Long-range mapping can also be performed with clones obtained from large insert genomic libraries such as those based on the yeast artificial chromosome (YAC) cloning vectors, since regions within these clones can be readily isolated for further analysis (see Section 10.3.3). In the future, long-range physical maps consisting of overlapping clones will cover each chromosome in the mouse genome. Short-range restriction maps of high resolution will be merged together along each chromosomal length, and ultimately, perhaps, the highest level of mapping resolution will be achieved with whole chromosome DNA sequences.
In theory, linkage, chromosomal, and physical maps should all provide the same information on chromosomal assignment and the order of loci. However, the relative distances that are measured within each map can be quite different. Only the physical map can provide an accurate description of the actual length of DNA that separates loci from each other. This is not to say that the other two types of maps are inaccurate. Rather, each represents a version of the physical map that has been modulated according to a different parameter.
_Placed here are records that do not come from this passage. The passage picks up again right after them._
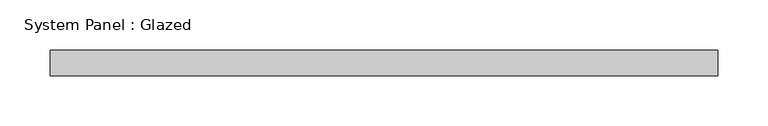
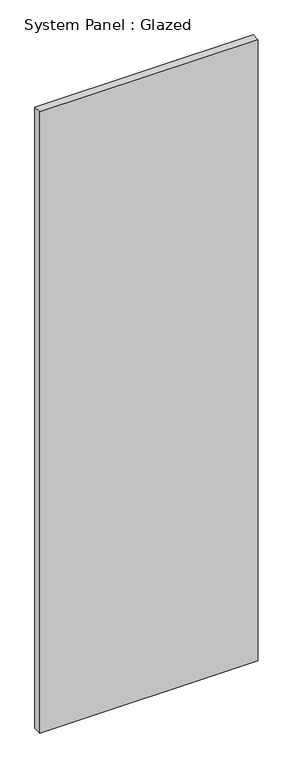
"""IFC4 building model written with IfcOpenShell, lengths in millimetres: plate geometry, System Panel : Glazed."""

from ifc_helpers import new_model, si_unit, origin, origin_with_axes, place, context, project, spatial, polyline, outline, extrude, source, transform, mapped, element, save


def system_panel_glazed_a68fd5c2(model_context):
    return source(origin(), model_context, "Body", "SweptSolid", [
        extrude(outline(polyline([(333.375, 19.05), (-333.375, 19.05), (-333.375, 44.45), (333.375, 44.45), (333.375, 19.05)])), origin_with_axes(), (0.0, 0.0, 1.0), 2006.6),
    ])


if __name__ == "__main__":
    model = new_model("IFC4")
    model_context = context("Model", 3, world=origin())
    ifc_project = project(units=[si_unit("LENGTHUNIT", "METRE", prefix="MILLI")], contexts=[model_context])
    site = spatial("IfcSite", under=ifc_project)
    building = spatial("IfcBuilding", under=site)
    placement = place(None, origin())
    system_panel_glazed_shape = system_panel_glazed_a68fd5c2(model_context)
    element("IfcPlate", 1, ObjectType="System Panel : Glazed", at=placement, inside=building, context=model_context, shape_type="MappedRepresentation", body=[
        mapped(system_panel_glazed_shape, transform((0.0, 0.0, 0.0), x_axis=(1.0, 0.0, 0.0), y_axis=(0.0, 1.0, 0.0), z_axis=(0.0, 0.0, 1.0))),
    ])
    save(model, "model.ifc")

# Revit data of these elements
# Type "System Panel : Glazed"
#   Construction Type Id = "GSP4R"
#   Analytic Construction = "1/8 in Pilkington single glazing"
#   Visual Light Transmittance = 0.9
#   Solar Heat Gain Coefficient = 0.86
#   Heat Transfer Coefficient (U) = 1.18115 BTU/(h·ft²·°F)
#   Define Thermal Properties by = 1
# Element 1 (IfcPlate, "System Panel : Glazed")
#   Materials on its faces: "Glass"
# Materials
#   "Glass": class "Glass", colour RGB 0 128 192, transparency 0.75, Description = "Soda Lime Glass", Cost = 0
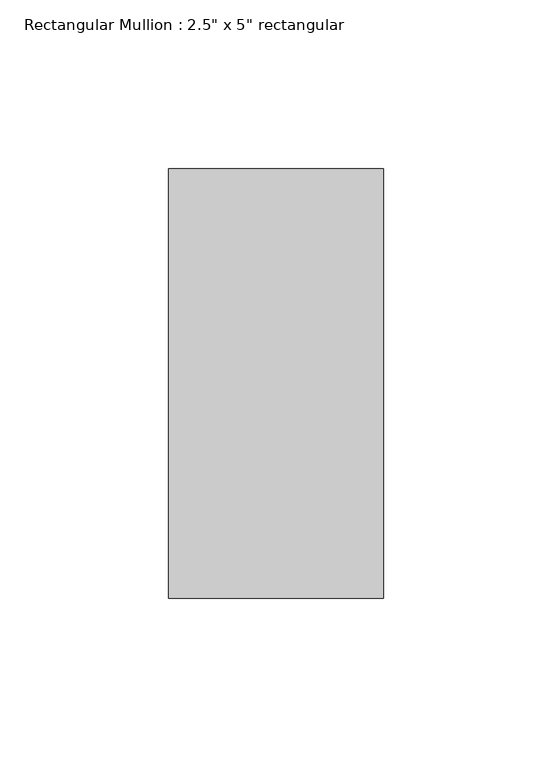
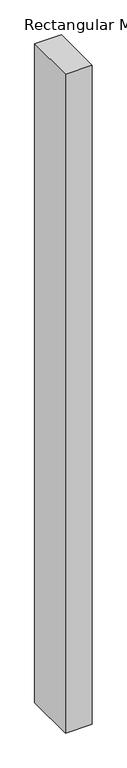
"""IFC4 building model written with IfcOpenShell, lengths in millimetres: member geometry."""

from ifc_helpers import new_model, si_unit, frame, origin, place, context, project, spatial, polyline, outline, extrude, source, transform, mapped, element, save


def member_c8b03bc0(model_context):
    return source(origin(), model_context, "Body", "SweptSolid", [
        extrude(outline(polyline([(0.0, 63.5), (0.0, -63.5), (-63.5, -63.5), (-63.5, 63.5), (0.0, 63.5)])), frame((0.0, 0.0, -1660.012385), z_axis=(0.0, 0.0, 1.0), x_axis=(1.0, 0.0, 0.0)), (0.0, 0.0, 1.0), 1660.012385),
    ])


if __name__ == "__main__":
    model = new_model("IFC4")
    model_context = context("Model", 3, world=origin())
    ifc_project = project(units=[si_unit("LENGTHUNIT", "METRE", prefix="MILLI")], contexts=[model_context])
    site = spatial("IfcSite", under=ifc_project)
    building = spatial("IfcBuilding", under=site)
    placement = place(None, origin())
    member_shape = member_c8b03bc0(model_context)
    element("IfcMember", 1, ObjectType="Rectangular Mullion : 2.5\" x 5\" rectangular", at=placement, inside=building, context=model_context, shape_type="MappedRepresentation", body=[
        mapped(member_shape, transform((0.0, 0.0, 0.0), x_axis=(1.0, 0.0, 0.0), y_axis=(0.0, 1.0, 0.0), z_axis=(0.0, 0.0, 1.0))),
    ])
    save(model, "model.ifc")

# Revit data of these elements
# Type "Rectangular Mullion : 2.5\" x 5\" rectangular"
#   built-in parameter 1007304 = 0.416667 (stored number, unit not read)
#   built-in parameter 1007301 = 0.104167 (stored number, unit not read)
#   built-in parameter 1007300 = 0.104167 (stored number, unit not read)
# Element 1 (IfcMember, "Rectangular Mullion : 2.5\" x 5\" rectangular")
#   Materials on its faces: "Aluminum"
# Materials
#   "Aluminum": class "Metal", colour RGB 247 247 247, transparency 0, Description = "Aluminum 6061", Cost = 0

Cytogenetic distances are modulated by the relative packing of the DNA molecule into different chromosomal regions. Linkage distances are modulated by the variable propensity of different DNA regions to take part in recombination events (see Section 7.2.3).
In practice, genetic maps of the mouse are often an amalgamation of chromosomal, linkage, and physical maps, but at the time of this writing, it is still the case that classical recombination studies provide the great bulk of data incorporated into such integrated maps. Thus, the primary metric used to chart interlocus distances has been the centimorgan. However, it seems reasonable to predict that, within the next five years, the megabase will overtake the centimorgan as the unit for measurement along the chromosome.